Self Love Tips For Mental Health Sufferers

Posted by Naomi Rohr on

Practicing self-love when you’re in the thick of a mental illness can be a tall order. Feelings of inadequacy, loneliness and the general grind of getting through a day doesn’t leave much room for giving yourself a little TLC. 

The truth is, the relationship you have with yourself is the most important one of all. Loving yourself is an important step in recovery and living a good life. 

Not sure how to get this self-love flowing? Here are a few tips to help you be your own bestie. 

Benefits of Self-Love

So, what’s the big to-do about this woo-woo self-love talk so many are on about?

Well, quite a bit actually.

When you can show full appreciation for yourself (flaws and all), here are a few things that can happen:

  • A more fulfilling connection with others
  • Alignment with your job and purpose
  • Inspiration and new ideas
  • Creativity and expression becomes more fluid
  • Increased resilience from rejection or failure
  • Motivation to get what you deserve from life and relationship

Self-love isn’t a trending morning routine, it is the foundation of fulfilment and peace. 

Get on it! Here’s how. 

Tip 1: Don’t Apologise For Your Mental Health

Do you apologise because you were born with two eyebrows rather than three? Or that you have a really short pinkie finger? NO. Mental health is a result of genetics, lifestyle, trauma and a whole heap of shit really. It’s out of your control. 

Don’t apologise for whatever it is that plagues you.

That doesn’t mean ignoring the impact your words or actions have on loved ones. ALWAYS own that. 

Tip 2: Radical Self-Acceptance

Denying the state of your mental illness isn’t going to make it go away. And as painful as it may seem sometimes, just acknowledging it and how it impacts you is the first step toward self-love.


It’s equally important to know that accepting your condition doesn’t mean you identify with it. You are still you, just with something extra to cope with. You and your mental health deserve acknowledgment and respect. 

Tip 3: Self-Compassion

Being tough on yourself can be an emotional addiction. Especially if you grew up being constantly criticised or judged, self-deprecation can feel like home.

Make it a habit to be critical against your inner critic.
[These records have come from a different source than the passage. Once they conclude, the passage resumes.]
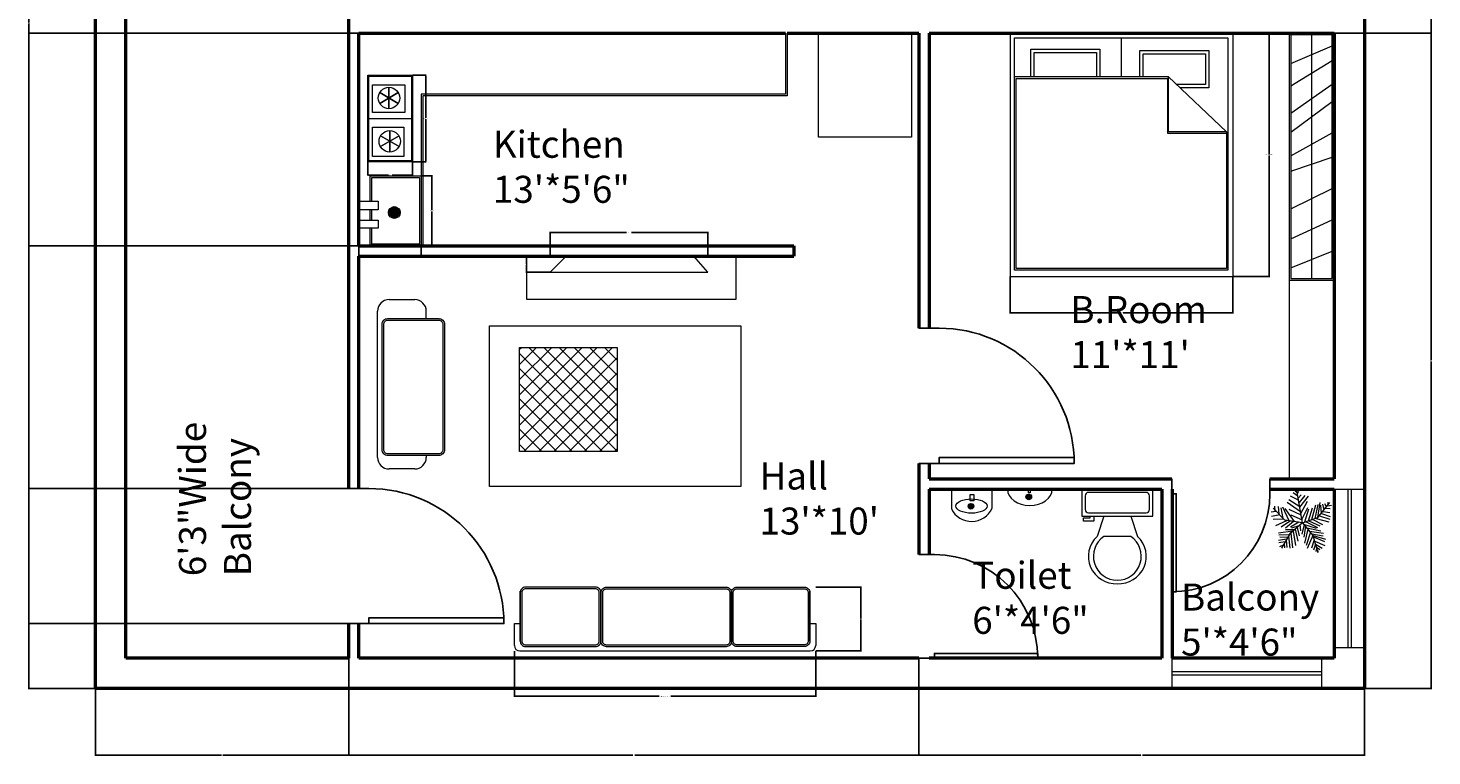
# Model space of a CAD drawing. Units: inches. Extents: x 132738 to 133154, y 138207 to 138641.
# Tile 1 of 2: x 132738 to 133154, y 138207 to 138422. Entities that reach past the tile are written whole.
import ezdxf

# ---------------------------------------------------------------- set-up
doc = ezdxf.new("R2010")
doc.units = ezdxf.units.IN
for name, color, linetype, lineweight in [('A-ANNO-DIMS', 2, 'Continuous', 18), ('A-AREA-IDEN', 7, 'Continuous', 18), ('A-DOOR', 4, 'Continuous', 25), ('A-EQPM', 9, 'Continuous', 18), ('A-FLOR-CASE', 32, 'Continuous', 20), ('A-FLOR-FIXT', 9, 'Continuous', 18), ('A-FURN', 8, 'Continuous', 18), ('A-FURN-PATT', 252, 'Continuous', 13), ('A-GLAZ', 4, 'Continuous', 18), ('A-WALL', 7, 'Continuous', 50), ('L-PLNT', 3, 'Continuous', 13)]:
    doc.layers.add(name, color=color, linetype=linetype, lineweight=lineweight)
doc.styles.get("Standard").update_dxf_attribs({"font": 'arial.ttf'})
doc.dimstyles.get("Standard").update_dxf_attribs({"dimtxt": 0.18, "dimasz": 0.18, "dimexe": 0.18, "dimexo": 0.0625, "dimgap": 0.09, "dimtad": 0, "dimtih": 1, "dimtoh": 1, "dimdec": 4, "dimzin": 0, "dimdsep": 46, "dimtxsty": 'Standard', "dimcen": 0.09, "dimadec": 0, "dimazin": 0, "dimtfac": 1, "dimtdec": 4, "dimtofl": 0, "dimtmove": 0, "dimatfit": 3, "dimfxl": 1, "dimtolj": 1, "dimtzin": 0, "dimarcsym": 0})

# ---------------------------------------------------------------- blocks, each defined once
blk = doc.blocks.new('*U2')
for p, q in [((0, 0), (0, -6)), ((40, 0), (40, -6))]:
    blk.add_line(p, q)
blk.add_lwpolyline([(0, 0), (0, 40), (1.75, 40), (1.75, 0)], close=True)
blk.add_arc((0, 0), 40, 0, 90)
blk = doc.blocks.new('*U4')
for p, q in [((9.5, -6), (9.5, -2)), ((-8, -8.5), (-8, -8)), ((-7, -8), (-7, -9.5)), ((-4, -8), (-6, -14)), ((4, -8), (6, -14)), ((-10, -8.5), (-8, -8.5)), ((-10, -9.5), (-10, -8.5)), ((-7, -9.5), (-10, -9.5)), ((4, -14), (-4, -14))]:
    blk.add_line(p, q)
blk.add_lwpolyline([(10.5, -8), (10.5, 0), (-10.5, 0), (-10.5, -8)], close=True)
for points in [[(-9.5, -2), (-9.5, -6)], [(8.5, -1), (-8.5, -1)], [(-8.5, -7), (8.5, -7)]]:
    blk.add_lwpolyline(points)
for centre, radius, start, end in [((-8.625, -1.875), 0.8839, 81.8699, 188.1301), ((8.625, -1.875), 0.8839, 351.8699, 98.1301), ((-8.625, -6.125), 0.8839, 171.869898, 278.1301), ((8.625, -6.125), 0.8839, 261.8699, 8.1301), ((-0.4772, -19.9188), 8.0953, 133.01722, 273.38), ((0.0374, -19.8731), 7.127, 124.50543, 269.7), ((-0.0373, -19.8731), 7.127, 270.3, 55.4946), ((0.4773, -19.9188), 8.0953, 266.62, 46.9828)]:
    blk.add_arc(centre, radius, start, end)
blk = doc.blocks.new('*U6')
for p, q in [((-8.737, 47.138), (-17.069, 52.711)), ((-10.186, 53.64), (-13.084, 55.962)), ((0, 0), (-10.5, 57)), ((-9.099, 51.782), (-6.563, 55.962)), ((-31.5, 4.5), (-52.5, 25.5)), ((-48.585, 21.131), (-49.309, 29.026)), ((-43.513, 28.561), (-42.427, 15.558)), ((-38.442, 26.239), (-34.819, 7.663)), ((-35.544, 28.097), (-24.314, 3.947)), ((-14.533, 2.09), (-30.834, 25.31)), ((-3.665, 19.273), (-27.574, 35.527)), ((-5.114, 28.097), (-24.676, 40.636)), ((-7.288, 39.707), (-21.778, 46.673)), ((-7.65, 43.423), (-2.578, 49.46)), ((-5.839, 35.992), (4.667, 48.067)), ((-5.114, 27.632), (10.463, 46.673)), ((-2.941, 16.486), (8.652, 37.85)), ((-1.129, 6.734), (9.014, 26.704)), ((10.101, 3.483), (17.708, 26.239)), ((16.259, 5.805), (23.142, 31.348)), ((22.055, 7.198), (27.489, 32.277)), ((27, 9), (48, 36)), ((27.127, 9.056), (31.112, 35.992)), ((31.836, 30.883), (32.561, 16.486)), ((35.096, 32.741), (37.27, 22.524)), ((38.719, 34.134), (41.979, 28.561)), ((40.53, 25.775), (48.862, 24.846)), ((43.791, 29.954), (51.036, 30.883)), ((44.153, 36.456), (45.239, 32.741)), ((-47.498, 19.737), (-55.83, 18.344)), ((-40.615, 13.7), (-55.105, 10.913)), ((-33.37, 6.269), (-52.207, 5.34)), ((-28.299, 3.483), (-47.86, -5.805)), ((-21.416, 3.018), (-38.079, -8.128)), ((0, 0), (-31.5, 4.5)), ((-15.982, 2.09), (-30.11, -9.521)), ((-24.314, 23.917), (-2.941, 13.7)), ((0, 0), (-22.5, -19.5)), ((-6.563, 1.161), (-21.416, -8.128)), ((-20.691, 13.7), (-1.129, 4.876)), ((0, 0), (27, 9)), ((0, 0), (18, -22.5)), ((3.942, 1.625), (11.187, 24.381)), ((6.478, 1.625), (26.04, -8.592)), ((11.187, 3.483), (30.749, -5.805)), ((18.07, 5.805), (35.096, -3.483)), ((24.229, 7.663), (46.688, 1.625)), ((29.662, 12.307), (48.137, 6.269)), ((33.285, 16.486), (48.862, 10.913)), ((36.183, 19.737), (48.137, 17.88)), ((-17.431, -15.094), (-42.789, -18.809)), ((-24.314, -21.596), (-42.427, -22.06)), ((-22.5, -19.5), (-37.5, -45)), ((-15.257, -12.772), (-30.11, -12.772)), ((-25.038, -23.918), (-22.865, -45.281)), ((-20.691, -18.345), (-17.793, -44.352)), ((-6.563, -5.805), (-19.967, -9.985)), ((-17.069, -15.094), (-12.721, -40.172)), ((-13.446, -11.378), (-8.737, -32.741)), ((-9.461, -8.592), (-6.201, -23.453)), ((-4.752, -3.483), (-3.665, -14.629)), ((2.493, -3.019), (-1.491, -20.202)), ((1.769, -2.555), (24.229, -9.521)), ((5.029, -6.27), (2.131, -25.775)), ((9.014, -11.378), (3.58, -35.992)), ((14.085, -16.951), (6.478, -40.172)), ((7.565, -9.056), (32.198, -14.629)), ((18.07, -22.524), (8.289, -45.745)), ((12.274, -15.094), (36.907, -18.809)), ((16.259, -19.738), (36.183, -22.989)), ((18, -22.5), (27, -52.5)), ((18.433, -22.524), (40.53, -29.026)), ((-28.299, -29.026), (-42.789, -31.348)), ((-30.834, -34.135), (-42.427, -35.528)), ((-34.457, -39.708), (-40.978, -42.494)), ((-26.849, -26.24), (-40.253, -25.775)), ((-32.646, -36.921), (-31.921, -44.352)), ((-29.023, -30.884), (-27.936, -43.887)), ((20.244, -30.419), (15.897, -44.816)), ((19.157, -25.311), (38.719, -33.206)), ((22.78, -37.85), (19.519, -48.532)), ((21.331, -32.741), (39.081, -40.636)), ((22.78, -38.314), (34.372, -44.816)), ((24.591, -45.745), (23.142, -50.854)), ((24.591, -43.423), (30.749, -47.603)), ((26.764, -49.925), (28.213, -50.854))]:
    blk.add_line(p, q)
blk = doc.blocks.new('SOFA-THREE-SEAT')
for p, q in [((1.73, 2.94), (1.73, 17.66)), ((87.55, 2.94), (87.55, 17.66)), ((87.55, 9.49), (87.55, 8.16)), ((0, 1.62), (0, 8.16)), ((0, 8.16), (1.73, 8.16)), ((87.55, 8.16), (89.29, 8.16)), ((89.29, 8.16), (89.29, 1.62)), ((1.62, 0), (87.67, 0))]:
    blk.add_line(p, q)
for points in [[(3.35, 1.32), (24.03, 1.32, 0.414214), (25.65, 2.94), (25.65, 17.29, 0.414214), (24.03, 18.91), (3.35, 18.91, 0.414214), (1.73, 17.29), (1.73, 2.94, 0.414214)], [(3.35, 1.82), (24.03, 1.82, 0.414214), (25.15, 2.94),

As soon as a thought against yourself arises, challenge it. Yes, you must stand up for yourself, against yourself. You wouldn’t let a bully get away with ridiculing or talking down to someone, so why would you put up with it?!

Go easy on yourself. Life is hard, you aren’t meant to do it perfectly. 

Tip 4: Stay On Top of Your Self-Care

Love is a feeling but care is an action. Mental Illness can make you notoriously more prone to self-neglect. 

Do the little things like maintaining good hygiene and a clean space. Then, progress to taking yourself on coffee dates where you get the fancy almond croissant and take the window seat for yourself.

Small steps create change and it starts with you. They say you teach others how you want to be treated and if you’re treating yourself like an afterthought…well, you get the gist. 

Tip 5: Set Boundaries 

Boundaries prevent you from being pushed to the edge and from feeling emotionally drained or out of touch. It can be hard to practice self-love while allowing others to treat you as they please.

Get comfortable with saying “no”, stopping unsolicited advice, taking time to reflect before responding to messages, and expressing your needs. 

Tip 6: Learn to Listen to Yourself

Emotional check-ins are really important for cultivating self-love especially if you have a mental illness.  

Ask yourself: 

How am I feeling?

What do I need?

What are my thoughts about what just happened?

Without judgment or criticism, recognise your thoughts and feelings. You don’t even have to take action, just putting a little energy into honouring yourself can make a HUGE difference.